A group of nine researchers have just published new findings on the mechanisms that regulate how bacteria from the Staphylococcus aureus genus transfer genetic material, awarding them greater pathogenic virulence and resistance to antibiotics. The study, which was just published in Nature Microbiology, was led by professor José R. Penadés, researcher from the Imperial College London who collaborated with the Biomedical Science Department of the CEU Cardenal Herrera University (CEU UCH) of Valencia.
In this study, the team of professor Penadés found a new mechanism that activates and transmits genetic material between the pathogenicity islands found in the chromosomes of bacteria and superbacteria, to award them greater virulence and resistance. This new evolutive mechanism has been identified in the Staphylococcus aureus genus, which is of critical priority for the WHO due to its multi-resistance to antibiotics and its ability to cause severe infections.
In 2019, professor Penadés published in Molecullar Cell how these pathogenicity islands of the bacteria that cause more virulent infections “hijack” viruses to expand faster in the natural medium and turn harmless bacteria into virulent pathogens. “Until now, this was believed to be the only mechanism used to expand their pathogenic potential. But what we just detected is that, for Staphylococcus aureus, some pathogenicity islands, instead of hijacking a virus, hijack another pathogenicity island to transfer to it. This represents a level of parasitism that has not been described to date, as a pathogenicity island initially hijacks mechanisms of viruses to spread them, and when this happens, another island uses the mechanisms that the first hijacked from the virus for its own benefit. This cascade of activation allows the pathogenicity islands to transfer the genetic material that they have due to their high pathogenic capacity to other bacteria at previously unseen frequencies. This better explains the speed at which these genetic elements expand, awarding greater virulence and resistance to the Staphylococcus aureus strains that causes infections with the most severe and hard to treat clinical consequences, such as toxic shock syndrome, pneumonia or necrotizing fasciitis,” says professor Penadés.
“With this finding, he adds, we have taken another step forward in the knowledge of the evolutive genetic mechanisms that turn bacteria and superbacteria into pathogens that cause extremely severe infections and which are resistant to the antibiotic treatments that we have today.

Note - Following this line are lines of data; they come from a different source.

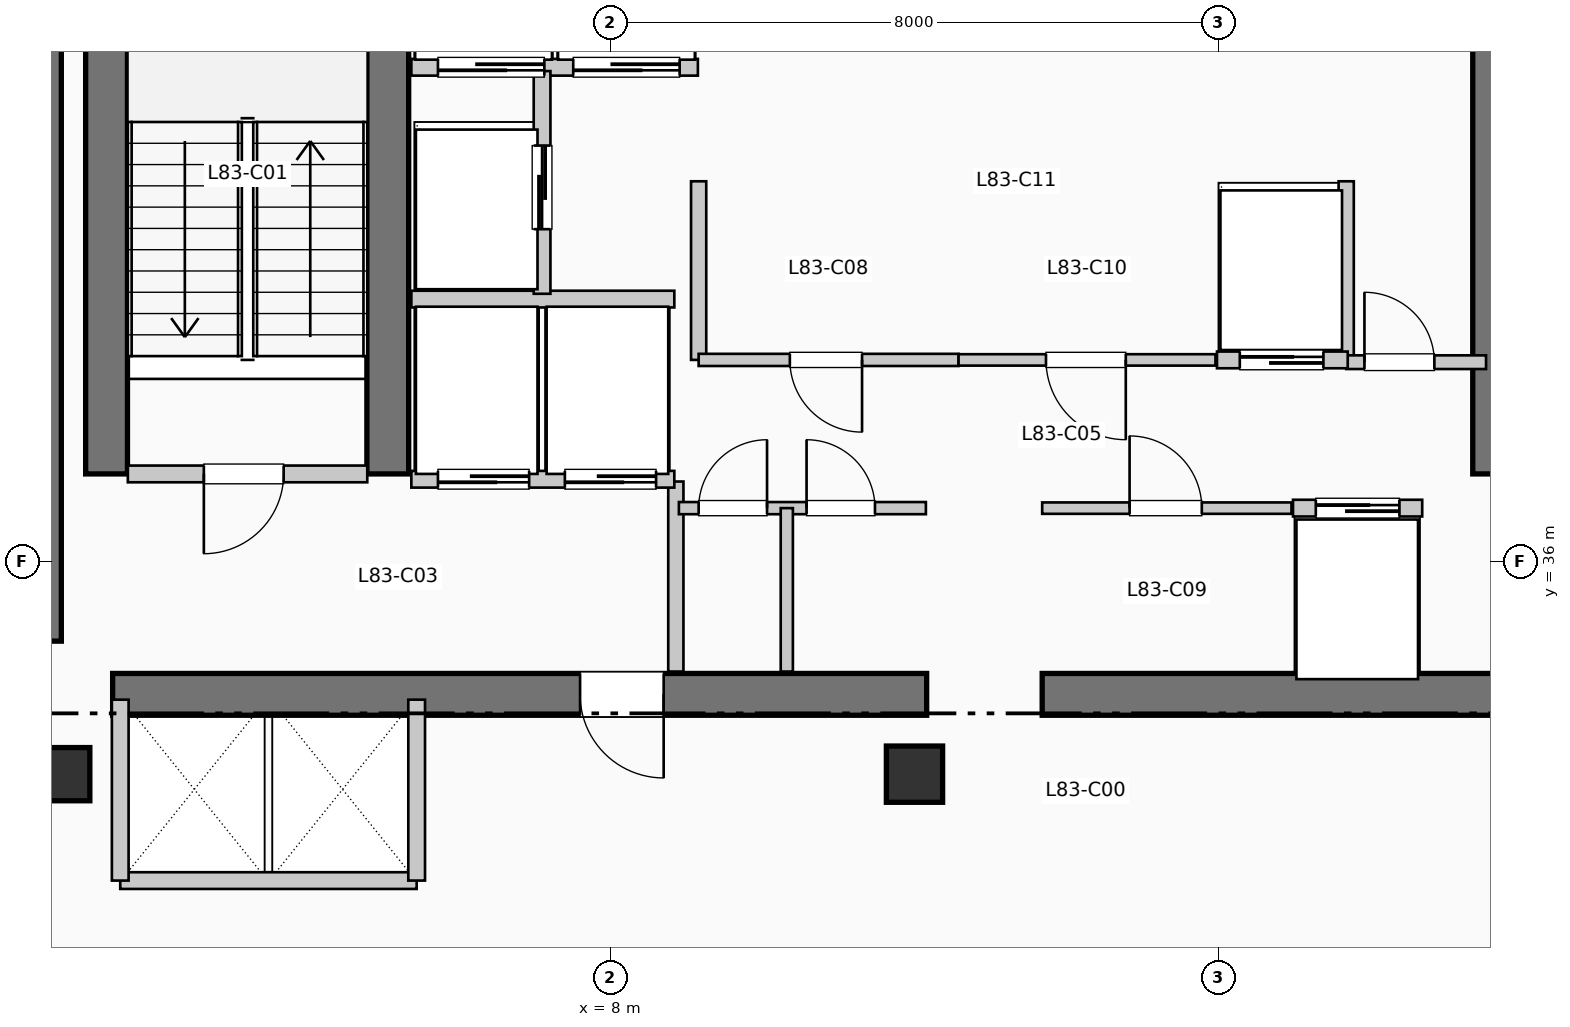
"""IFC4 building model, lengths in metres.
Left out: names, types, materials, properties, quantities, classifications, styles, units other than length and angle.
Written with IfcOpenShell. Run it as: python <this file> out.ifc"""

import sys

from ifc_helpers import new_model, si_unit, direction, frame, frame_2d, origin, origin_2d, place, context, subcontext, project, spatial, rectangle, extrude, element, fill, save


model = new_model("IFC4")
c1 = context("Model", 3, precision=1e-05, world=origin(), true_north=direction((0.0, 1.0)))
c2 = subcontext(c1, "Body", "Model", "MODEL_VIEW")
j1 = project(units=[si_unit("LENGTHUNIT", "METRE"), si_unit("PLANEANGLEUNIT", "RADIAN")], contexts=[c1])
p1 = place(None, origin())
s1 = spatial("IfcSite", under=j1, at=p1, CompositionType="ELEMENT")
p2 = place(p1, origin())
s2 = spatial("IfcBuilding", under=s1, at=p2, CompositionType="ELEMENT")
p3 = place(p2, frame((0.0, 0.0, 339.57)))
s3 = spatial("IfcBuildingStorey", under=s2, at=p3, CompositionType="ELEMENT", Elevation=339.57)
p4 = place(p3, frame((0.5, 34.95, 0.0), z_axis=(0.0, 0.0, 1.0), x_axis=(0.0, 1.0, 0.0)))
e1 = element("IfcWall", 1, at=p4, inside=s3, PredefinedType="SHEAR", context=c2, shape_type="SweptSolid", body=[
    extrude(rectangle(XDim=7.9, YDim=0.55, at=frame_2d((3.95, 0.0))), origin(), (0.0, 0.0, 1.0), 3.96),
])
p5 = place(p3, frame((1.45, 34.25, 0.0), z_axis=(0.0, 0.0, 1.0), x_axis=(1.0, 0.0, 0.0)))
e2 = element("IfcWall", 2, at=p5, inside=s3, PredefinedType="SHEAR", context=c2, shape_type="SweptSolid", body=[
    extrude(rectangle(XDim=10.71, YDim=0.55, at=frame_2d((5.355, 0.0))), origin(), (0.0, 0.0, 1.0), 3.96),
])
p6 = place(p5, frame((7.25, 0.0, 0.0), z_axis=(0.0, 0.0, 1.0), x_axis=(-1.0, 0.0, 0.0)))
e3 = element("IfcOpeningElement", 3, at=p6, cuts=e2, PredefinedType="OPENING", context=c2, shape_type="SweptSolid", body=[
    extrude(rectangle(XDim=1.1, YDim=2.15, at=frame_2d((0.55, 1.075))), frame((0.0, 0.285, 0.0), z_axis=(0.0, -1.0, 0.0), x_axis=(1.0, 0.0, 0.0)), (0.0, 0.0, 1.0), 0.57),
])
p7 = place(p3, frame((13.68, 34.25, 0.0), z_axis=(0.0, 0.0, 1.0), x_axis=(1.0, 0.0, 0.0)))
e4 = element("IfcWall", 4, at=p7, inside=s3, PredefinedType="SHEAR", context=c2, shape_type="SweptSolid", body=[
    extrude(rectangle(XDim=6.12, YDim=0.55, at=frame_2d((3.06, 0.0))), origin(), (0.0, 0.0, 1.0), 3.96),
])
for number, where, z_axis, x_axis in (
    (5, (1.37, 37.15, 0.0), (0.0, 0.0, 1.0), (0.0, 1.0, 0.0)),
    (6, (5.07, 37.15, 0.0), (0.0, 0.0, 1.0), (0.0, 1.0, 0.0)),
    (7, (19.62, 37.15, 0.0), (0.0, 0.0, 1.0), (0.0, 1.0, 0.0)),
):
    element("IfcWall", number, at=place(p3, frame(where, z_axis=z_axis, x_axis=x_axis)), inside=s3, PredefinedType="SHEAR", context=c2, shape_type="SweptSolid", body=[
        extrude(rectangle(XDim=7.89, YDim=0.55, at=frame_2d((3.945, 0.0))), origin(), (0.0, 0.0, 1.0), 3.96),
    ])
p8 = place(p3, frame((0.8, 33.2, 0.0), z_axis=(0.0, 0.0, 1.0), x_axis=(1.0, 0.0, 0.0)))
e8 = element("IfcColumn", 8, at=p8, inside=s3, PredefinedType="COLUMN", context=c2, shape_type="SweptSolid", body=[
    extrude(rectangle(XDim=0.7, YDim=0.7, at=origin_2d()), origin(), (0.0, 0.0, 1.0), 3.96),
])
p9 = place(p3, frame((12.0, 33.2, 0.0), z_axis=(0.0, 0.0, 1.0), x_axis=(1.0, 0.0, 0.0)))
e9 = element("IfcColumn", 9, at=p9, inside=s3, PredefinedType="COLUMN", context=c2, shape_type="SweptSolid", body=[
    extrude(rectangle(XDim=0.74, YDim=0.74, at=origin_2d()), origin(), (0.0, 0.0, 1.0), 3.96),
])
p10 = place(p3, frame((1.65, 37.15, 0.0), z_axis=(0.0, 0.0, 1.0), x_axis=(1.0, 0.0, 0.0)))
e10 = element("IfcWall", 10, at=p10, inside=s3, PredefinedType="PARTITIONING", context=c2, shape_type="SweptSolid", body=[
    extrude(rectangle(XDim=3.15, YDim=0.22, at=frame_2d((1.575, 0.0))), origin(), (0.0, 0.0, 1.0), 3.74),
])
p11 = place(p10, frame((2.05, 0.0, 0.0), z_axis=(0.0, 0.0, 1.0), x_axis=(-1.0, 0.0, 0.0)))
e11 = element("IfcOpeningElement", 11, at=p11, cuts=e10, PredefinedType="OPENING", context=c2, shape_type="SweptSolid", body=[
    extrude(rectangle(XDim=1.05, YDim=2.15, at=frame_2d((0.525, 1.075))), frame((0.0, 0.12, 0.0), z_axis=(0.0, -1.0, 0.0), x_axis=(1.0, 0.0, 0.0)), (0.0, 0.0, 1.0), 0.24),
])
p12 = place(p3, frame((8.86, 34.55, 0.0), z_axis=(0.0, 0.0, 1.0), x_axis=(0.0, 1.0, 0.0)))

Advancing the knowledge on these genetic mechanisms that take place in the most severe bacterial infections will make it possible to design new strategies to treat them in a more efficient way in the future.”
Molecular bases of bacterial virulence
Professor Penadés has led, since July 2020, the MRC-CMBI Centre for Molecular Bacteriology & Infection at the Imperial College London, which has the largest group of researchers in the United Kingdom devoted to studying the biological bases and molecular mechanisms of bacterial infections.
The research of professor Penadés has focused on studying bacteriophages, the viruses that infect bacteria and replicate inside them, awarding them greater pathogenic capacity and resistance to antibiotics, as well as the mechanisms that these viruses use to transfer genetic material from one set of bacteria to others. Thus, his most recent studies have made it possible to identify a new mechanism with which bacteria transmit their genes, lateral transduction, published in 2018 in Science. He also identified a new family of molecular parasitic viruses in bacteria, new mobile genetic elements involved in their evolution, resistance and virulence, called PICIs (Phage-Inducible Chromosomal Islands), in a study published in 2019 in Molecullar Cell.
In this article published in September in Nature Microbiology, professor José R. Penadés led researchers from the New York University School of Medicine, the Imperial College London, the University of Wroclaw, the National University of Singapore and the University of Glasgow, along with researchers from the Valencian Institute of Biomedicine (IBV-CSIC) and the CIBERER, Francisca Gallego del Sol and Alberto Marina.
“A regulatory cascade controls Staphylococcus aureus pathogenicity island activation”, in Nature Microbiology.